Smoot Betty, Kober Kord M, Paul Steven M, Levine Jon D, Abrams Gary, Mastick Judy, Topp Kimberly, Conley Yvette P, Miaskowski Christine A
Betty Smoot, PT, DPTSc, MAS, is Associate Professor, School of Medicine, University of California San Francisco. Kord M. Kober, PhD, is Assistant Professor; and Steven M. Paul, PhD, is Principal Statistician, School of Nursing, University of California San Francisco. Jon D. Levine, MD, is Professor; and Gary Abrams, MD, is Professor, School of Medicine, University of California San Francisco. Judy Mastick, RN, MN, is Project Director, School of Nursing, University of California San Francisco. Kimberly Topp, PT, PhD, is Professor, School of Medicine, University of California San Francisco. Yvette P. Conley, PhD, FAAN, is Professor, School of Nursing, University of Pittsburgh, Pennsylvania. Christine Miaskowski, PhD, RN, FAAN, is Professor, School of Nursing, University of California San Francisco.
Nurs Res. 2017 Mar/Apr;66(2):85-94. doi: 10.1097/NNR.0000000000000203.
Potassium (K) channels play an important role in lymph pump activity, lymph formation, lymph transport, and the functions of lymph nodes. No studies have examined the relationship between K channel candidate genes and the development of secondary lymphedema (LE).
The study purpose was to evaluate for differences in genotypic characteristics in women who did (n = 155) or did not (n = 387) develop upper extremity LE following breast cancer treatment based on an analysis of single-nucleotide polymorphisms (SNPs) and haplotypes in 10 K channel genes.

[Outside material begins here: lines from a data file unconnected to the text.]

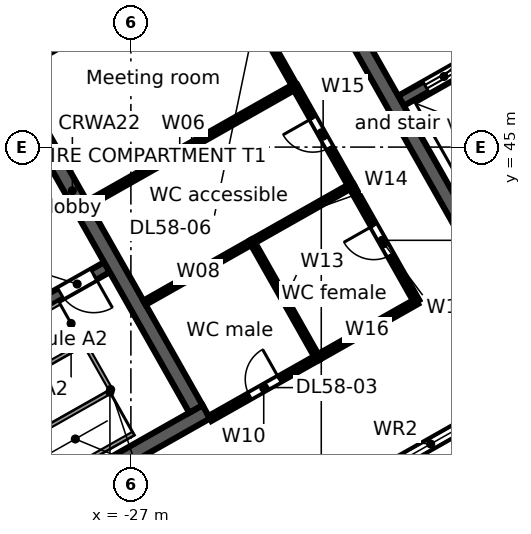
"""IFC4 building model, lengths in metres.
Left out: names, types, materials, properties, quantities, classifications, styles, units other than length and angle.
Written with IfcOpenShell. Run it as: python <this file> out.ifc"""

import sys

from ifc_helpers import new_model, si_unit, direction, frame, frame_2d, origin, place, context, subcontext, project, spatial, rectangle, extrude, element, fill, save


model = new_model("IFC4")
c1 = context("Model", 3, precision=1e-05, world=origin(), true_north=direction((0.0, 1.0)))
c2 = subcontext(c1, "Body", "Model", "MODEL_VIEW")
j1 = project(units=[si_unit("LENGTHUNIT", "METRE"), si_unit("PLANEANGLEUNIT", "RADIAN")], contexts=[c1])
p1 = place(None, origin())
s1 = spatial("IfcSite", under=j1, at=p1, CompositionType="ELEMENT")
p2 = place(p1, origin())
s2 = spatial("IfcBuilding", under=s1, at=p2, CompositionType="ELEMENT")
p3 = place(p2, frame((0.0, 0.0, 266.5)))
s3 = spatial("IfcBuildingStorey", under=s2, at=p3, CompositionType="ELEMENT", Elevation=266.5)
p4 = place(p3, frame((-58.732, 38.771, 0.0), z_axis=(0.0, 0.0, 1.0), x_axis=(0.870355615581, 0.492423702137, 0.0)))
e1 = element("IfcWall", 1, at=p4, inside=s3, PredefinedType="STANDARD", context=c2, shape_type="SweptSolid", body=[
    extrude(rectangle(XDim=64.052, YDim=0.25, at=frame_2d((32.026, 0.0))), origin(), (0.0, 0.0, 1.0), 3.52),
])
p5 = place(p4, frame((61.259, 0.0, 0.8)))
e2 = element("IfcOpeningElement", 2, at=p5, cuts=e1, PredefinedType="OPENING", context=c2, shape_type="SweptSolid", body=[
    extrude(rectangle(XDim=2.4, YDim=2.2, at=frame_2d((1.2, 1.1))), frame((0.0, 0.135, 0.0), z_axis=(0.0, -1.0, 0.0), x_axis=(1.0, 0.0, 0.0)), (0.0, 0.0, 1.0), 0.27),
])
p6 = place(p4, frame((58.216, 0.0, 0.8)))
e3 = element("IfcOpeningElement", 3, at=p6, cuts=e1, PredefinedType="OPENING", context=c2, shape_type="SweptSolid", body=[
    extrude(rectangle(XDim=2.4, YDim=2.2, at=frame_2d((1.2, 1.1))), frame((0.0, 0.135, 0.0), z_axis=(0.0, -1.0, 0.0), x_axis=(1.0, 0.0, 0.0)), (0.0, 0.0, 1.0), 0.27),
])
p7 = place(p4, frame((55.173, 0.0, 0.8)))
e4 = element("IfcOpeningElement", 4, at=p7, cuts=e1, PredefinedType="OPENING", context=c2, shape_type="SweptSolid", body=[
    extrude(rectangle(XDim=2.4, YDim=2.2, at=frame_2d((1.2, 1.1))), frame((0.0, 0.135, 0.0), z_axis=(0.0, -1.0, 0.0), x_axis=(1.0, 0.0, 0.0)), (0.0, 0.0, 1.0), 0.27),
])
p8 = place(p4, frame((52.129, 0.0, 0.8)))
e5 = element("IfcOpeningElement", 5, at=p8, cuts=e1, PredefinedType="OPENING", context=c2, shape_type="SweptSolid", body=[
    extrude(rectangle(XDim=2.4, YDim=2.2, at=frame_2d((1.2, 1.1))), frame((0.0, 0.135, 0.0), z_axis=(0.0, -1.0, 0.0), x_axis=(1.0, 0.0, 0.0)), (0.0, 0.0, 1.0), 0.27),
])
p9 = place(p4, frame((49.086, 0.0, 0.8)))
e6 = element("IfcOpeningElement", 6, at=p9, cuts=e1, PredefinedType="OPENING", context=c2, shape_type="SweptSolid", body=[
    extrude(rectangle(XDim=2.4, YDim=2.2, at=frame_2d((1.2, 1.1))), frame((0.0, 0.135, 0.0), z_axis=(0.0, -1.0, 0.0), x_axis=(1.0, 0.0, 0.0)), (0.0, 0.0, 1.0), 0.27),
])
p10 = place(p4, frame((46.043, 0.0, 0.8)))
e7 = element("IfcOpeningElement", 7, at=p10, cuts=e1, PredefinedType="OPENING", context=c2, shape_type="SweptSolid", body=[
    extrude(rectangle(XDim=2.4, YDim=2.2, at=frame_2d((1.2, 1.1))), frame((0.0, 0.135, 0.0), z_axis=(0.0, -1.0, 0.0), x_axis=(1.0, 0.0, 0.0)), (0.0, 0.0, 1.0), 0.27),
])
p11 = place(p4, frame((43.0, 0.0, 0.8)))
e8 = element("IfcOpeningElement", 8, at=p11, cuts=e1, PredefinedType="OPENING", context=c2, shape_type="SweptSolid", body=[
    extrude(rectangle(XDim=2.4, YDim=2.2, at=frame_2d((1.2, 1.1))), frame((0.0, 0.135, 0.0), z_axis=(0.0, -1.0, 0.0), x_axis=(1.0, 0.0, 0.0)), (0.0, 0.0, 1.0), 0.27),
])
p12 = place(p4, frame((39.956, 0.0, 0.8)))
e9 = element("IfcOpeningElement", 9, at=p12, cuts=e1, PredefinedType="OPENING", context=c2, shape_type="SweptSolid", body=[
    extrude(rectangle(XDim=2.4, YDim=2.2, at=frame_2d((1.2, 1.1))), frame((0.0, 0.135, 0.0), z_axis=(0.0, -1.0, 0.0), x_axis=(1.0, 0.0, 0.0)), (0.0, 0.0, 1.0), 0.27),
])
p13 = place(p4, frame((36.913, 0.0, 0.8)))
e10 = element("IfcOpeningElement", 10, at=p13, cuts=e1, PredefinedType="OPENING", context=c2, shape_type="SweptSolid", body=[
    extrude(rectangle(XDim=2.4, YDim=2.2, at=frame_2d((1.2, 1.1))), frame((0.0, 0.135, 0.0), z_axis=(0.0, -1.0, 0.0), x_axis=(1.0, 0.0, 0.0)), (0.0, 0.0, 1.0), 0.27),
])
p14 = place(p4, frame((33.87, 0.0, 0.8)))
e11 = element("IfcOpeningElement", 11, at=p14, cuts=e1, PredefinedType="OPENING", context=c2, shape_type="SweptSolid", body=[
    extrude(rectangle(XDim=2.4, YDim=2.2, at=frame_2d((1.2, 1.1))), frame((0.0, 0.135, 0.0), z_axis=(0.0, -1.0, 0.0), x_axis=(1.0, 0.0, 0.0)), (0.0, 0.0, 1.0), 0.27),
])
p15 = place(p4, frame((30.826, 0.0, 0.8)))
e12 = element("IfcOpeningElement", 12, at=p15, cuts=e1, PredefinedType="OPENING", context=c2, shape_type="SweptSolid", body=[
    extrude(rectangle(XDim=2.4, YDim=2.2, at=frame_2d((1.2, 1.1))), frame((0.0, 0.135, 0.0), z_axis=(0.0, -1.0, 0.0), x_axis=(1.0, 0.0, 0.0)), (0.0, 0.0, 1.0), 0.27),
])
p16 = place(p4, frame((27.783, 0.0, 0.8)))
e13 = element("IfcOpeningElement", 13, at=p16, cuts=e1, PredefinedType="OPENING", context=c2, shape_type="SweptSolid", body=[
    extrude(rectangle(XDim=2.4, YDim=2.2, at=frame_2d((1.2, 1.1))), frame((0.0, 0.135, 0.0), z_axis=(0.0, -1.0, 0.0), x_axis=(1.0, 0.0, 0.0)), (0.0, 0.0, 1.0), 0.27),
])
p17 = place(p4, frame((24.74, 0.0, 0.8)))
e14 = element("IfcOpeningElement", 14, at=p17, cuts=e1, PredefinedType="OPENING", context=c2, shape_type="SweptSolid", body=[
    extrude(rectangle(XDim=2.4, YDim=2.2, at=frame_2d((1.2, 1.1))), frame((0.0, 0.135, 0.0), z_axis=(0.0, -1.0, 0.0), x_axis=(1.0, 0.0, 0.0)), (0.0, 0.0, 1.0), 0.27),
])
p18 = place(p4, frame((21.696, 0.0, 0.8)))
e15 = element("IfcOpeningElement", 15, at=p18, cuts=e1, PredefinedType="OPENING", context=c2, shape_type="SweptSolid", body=[
    extrude(rectangle(XDim=2.4, YDim=2.2, at=frame_2d((1.2, 1.1))), frame((0.0, 0.135, 0.0), z_axis=(0.0, -1.0, 0.0), x_axis=(1.0, 0.0, 0.0)), (0.0, 0.0, 1.0), 0.27),
])
p19 = place(p4, frame((18.653, 0.0, 0.8)))
e16 = element("IfcOpeningElement", 16, at=p19, cuts=e1, PredefinedType="OPENING", context=c2, shape_type="SweptSolid", body=[
    extrude(rectangle(XDim=2.4, YDim=2.2, at=frame_2d((1.2, 1.1))), frame((0.0, 0.135, 0.0), z_axis=(0.0, -1.0, 0.0), x_axis=(1.0, 0.0, 0.0)), (0.0, 0.0, 1.0), 0.27),
])
p20 = place(p4, frame((15.61, 0.0, 0.8)))
e17 = element("IfcOpeningElement", 17, at=p20, cuts=e1, PredefinedType="OPENING", context=c2, shape_type="SweptSolid", body=[
    extrude(rectangle(XDim=2.4, YDim=2.2, at=frame_2d((1.2, 1.1))), frame((0.0, 0.135, 0.0), z_axis=(0.0, -1.0, 0.0), x_axis=(1.0, 0.0, 0.0)), (0.0, 0.0, 1.0), 0.27),
])
p21 = place(p4, frame((12.567, 0.0, 0.8)))
e18 = element("IfcOpeningElement", 18, at=p21, cuts=e1, PredefinedType="OPENING", context=c2, shape_type="SweptSolid", body=[
    extrude(rectangle(XDim=2.4, YDim=2.2, at=frame_2d((1.2, 1.1))), frame((0.0, 0.135, 0.0), z_axis=(0.0, -1.0, 0.0), x_axis=(1.0, 0.0, 0.0)), (0.0, 0.0, 1.0), 0.27),
])
p22 = place(p4, frame((9.523, 0.0, 0.8)))
e19 = element("IfcOpeningElement", 19, at=p22, cuts=e1, PredefinedType="OPENING", context=c2, shape_type="SweptSolid", body=[
    extrude(rectangle(XDim=2.4, YDim=2.2, at=frame_2d((1.2, 1.1))), frame((0.0, 0.135, 0.0), z_axis=(0.0, -1.0, 0.0), x_axis=(1.0, 0.0, 0.0)), (0.0, 0.0, 1.0), 0.27),
])
p23 = place(p4, frame((6.48, 0.0, 0.8)))
e20 = element("IfcOpeningElement", 20, at=p23, cuts=e1, PredefinedType="OPENING", context=c2, shape_type="SweptSolid", body=[
    extrude(rectangle(XDim=2.4, YDim=2.2, at=frame_2d((1.2, 1.1))), frame((0.0, 0.135, 0.0), z_axis=(0.0, -1.0, 0.0), x_axis=(1.0, 0.0, 0.0)), (0.0, 0.0, 1.0), 0.27),
])
p24 = place(p4, frame((3.437, 0.0, 0.8)))
e21 = element("IfcOpeningElement", 21, at=p24, cuts=e1, PredefinedType="OPENING", context=c2, shape_type="SweptSolid", body=[
    extrude(rectangle(XDim=2.4, YDim=2.2, at=frame_2d((1.2, 1.1))), frame((0.0, 0.135, 0.0), z_axis=(0.0, -1.0, 0.0), x_axis=(1.0, 0.0, 0.0)), (0.0, 0.0, 1.0), 0.27),
])
p25 = place(p4, frame((0.393, 0.0, 0.8)))
e22 = element("IfcOpeningElement", 22, at=p25, cuts=e1, PredefinedType="OPENING", context=c2, shape_type="SweptSolid", body=[
    extrude(rectangle(XDim=2.4, YDim=2.2, at=frame_2d((1.2, 1.1))), frame((0.0, 0.135, 0.0), z_axis=(0.0, -1.0, 0.0), x_axis=(1.0, 0.0, 0.0)), (0.0, 0.0, 1.0), 0.27),
])
p26 = place(p3, frame((-3.017, 46.293, 0.0), z_axis=(0.0, 0.0, 1.0), x_axis=(-0.870355474887, -0.492423950812, 0.0)))
e23 = element("IfcWall", 23, at=p26, inside=s3, PredefinedType="STANDARD", context=c2, shape_type="SweptSolid", body=[
    extrude(rectangle(XDim=40.34, YDim=0.25, at=frame_2d((20.17, 0.0))), origin(), (0.0, 0.0, 1.0), 3.52),
])
p27 = place(p26, frame((37.428, 0.0, 0.8)))
e24 = element("IfcOpeningElement", 24, at=p27, cuts=e23, PredefinedType="OPENING", context=c2, shape_type="SweptSolid", body=[
    extrude(rectangle(XDim=2.4, YDim=2.2, at=frame_2d((1.2, 1.1))), frame((0.0, 0.135, 0.0), z_axis=(0.0, -1.0, 0.0), x_axis=(1.0, 0.0, 0.0)), (0.0, 0.0, 1.0), 0.27),
])
p28 = place(p26, frame((34.372, 0.0, 0.0)))
e25 = element("IfcOpeningElement", 25, at=p28, cuts=e23, PredefinedType="OPENING", context=c2, shape_type="SweptSolid", body=[
    extrude(rectangle(XDim=1.8, YDim=2.4, at=frame_2d((0.9, 1.2))), frame((0.0, 0.135, 0.0), z_axis=(0.0, -1.0, 0.0), x_axis=(1.0, 0.0, 0.0)), (0.0, 0.0, 1.0), 0.27),
])
p29 = place(p26, frame((30.716, 0.0, 0.8)))
e26 = element("IfcOpeningElement", 26, at=p29, cuts=e23, PredefinedType="OPENING", context=c2, shape_type="SweptSolid", body=[
    extrude(rectangle(XDim=2.4, YDim=2.2, at=frame_2d((1.2, 1.1))), frame((0.0, 0.135, 0.0), z_axis=(0.0, -1.0, 0.0), x_axis=(1.0, 0.0, 0.0)), (0.0, 0.0, 1.0), 0.27),
])
p30 = place(p26, frame((27.36, 0.0, 0.8)))
e27 = element("IfcOpeningElement", 27, at=p30, cuts=e23, PredefinedType="OPENING", context=c2, shape_type="SweptSolid", body=[
    extrude(rectangle(XDim=2.4, YDim=2.2, at=frame_2d((1.2, 1.1))), frame((0.0, 0.135, 0.0), z_axis=(0.0, -1.0, 0.0), x_axis=(1.0, 0.0, 0.0)), (0.0, 0.0, 1.0), 0.27),
])
p31 = place(p26, frame((24.304, 0.0, 0.0)))
e28 = element("IfcOpeningElement", 28, at=p31, cuts=e23, PredefinedType="OPENING", context=c2, shape_type="SweptSolid", body=[
    extrude(rectangle(XDim=1.8, YDim=2.4, at=frame_2d((0.9, 1.2))), frame((0.0, 0.135, 0.0), z_axis=(0.0, -1.0, 0.0), x_axis=(1.0, 0.0, 0.0)), (0.0, 0.0, 1.0), 0.27),
])
p32 = place(p26, frame((20.648, 0.0, 0.8)))
e29 = element("IfcOpeningElement", 29, at=p32, cuts=e23, PredefinedType="OPENING", context=c2, shape_type="SweptSolid", body=[
    extrude(rectangle(XDim=2.4, YDim=2.2, at=frame_2d((1.2, 1.1))), frame((0.0, 0.135, 0.0), z_axis=(0.0, -1.0, 0.0), x_axis=(1.0, 0.0, 0.0)), (0.0, 0.0, 1.0), 0.27),
])
p33 = place(p26, frame((17.292, 0.0, 0.8)))
e30 = element("IfcOpeningElement", 30, at=p33, cuts=e23, PredefinedType="OPENING", context=c2, shape_type="SweptSolid", body=[
    extrude(rectangle(XDim=2.4, YDim=2.2, at=frame_2d((1.2, 1.1))), frame((0.0, 0.135, 0.0), z_axis=(0.0, -1.0, 0.0), x_axis=(1.0, 0.0, 0.0)), (0.0, 0.0, 1.0), 0.27),
])
p34 = place(p26, frame((14.236, 0.0, 0.0)))
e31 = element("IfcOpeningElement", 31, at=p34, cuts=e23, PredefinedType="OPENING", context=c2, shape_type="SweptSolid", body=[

Upper extremity LE was diagnosed using bioimpedance resistance ratios. Logistic regression analyses were used to identify those SNPs and haplotypes that were associated with LE while controlling for relevant demographic, clinical, and genomic characteristics.
Patients with LE had a higher body mass index, had a higher number of lymph nodes removed, had more advanced disease, received adjuvant chemotherapy, received radiation therapy, and were less likely to have undergone a sentinel lymph node biopsy. One SNP in a voltage-gated K channel gene (KCNA1 rs4766311), four in two inward-rectifying K channel genes (KCNJ3 rs1037091 and KCNJ6 rs2211845, rs991985, rs2836019), and one in a two-pore K channel gene (KCNK3 rs1662988) were associated with LE.
These preliminary findings suggest that K channel genes play a role in the development of secondary LE.
钾(K)通道在淋巴泵活动、淋巴形成、淋巴运输及淋巴结功能中发挥重要作用。尚无研究探讨K通道候选基因与继发性淋巴水肿(LE)发生发展之间的关系。
本研究旨在通过分析10个K通道基因的单核苷酸多态性(SNP)和单倍型,评估乳腺癌治疗后发生(n = 155)或未发生(n = 387)上肢LE的女性在基因型特征上的差异。
采用生物电阻抗比值诊断上肢LE。运用逻辑回归分析确定与LE相关的SNP和单倍型,同时控制相关人口统计学、临床和基因组特征。
LE患者的体重指数较高,切除的淋巴结数量较多,疾病分期较晚,接受辅助化疗和放疗,且接受前哨淋巴结活检的可能性较小。电压门控K通道基因(KCNA1 rs4766311)中的一个SNP、两个内向整流K通道基因(KCNJ3 rs1037091和KCNJ6 rs2211845、rs991985、rs2836019)中的四个SNP以及双孔K通道基因(KCNK3 rs1662988)中的一个SNP与LE相关。
这些初步研究结果表明,K通道基因在继发性LE的发生发展中起作用。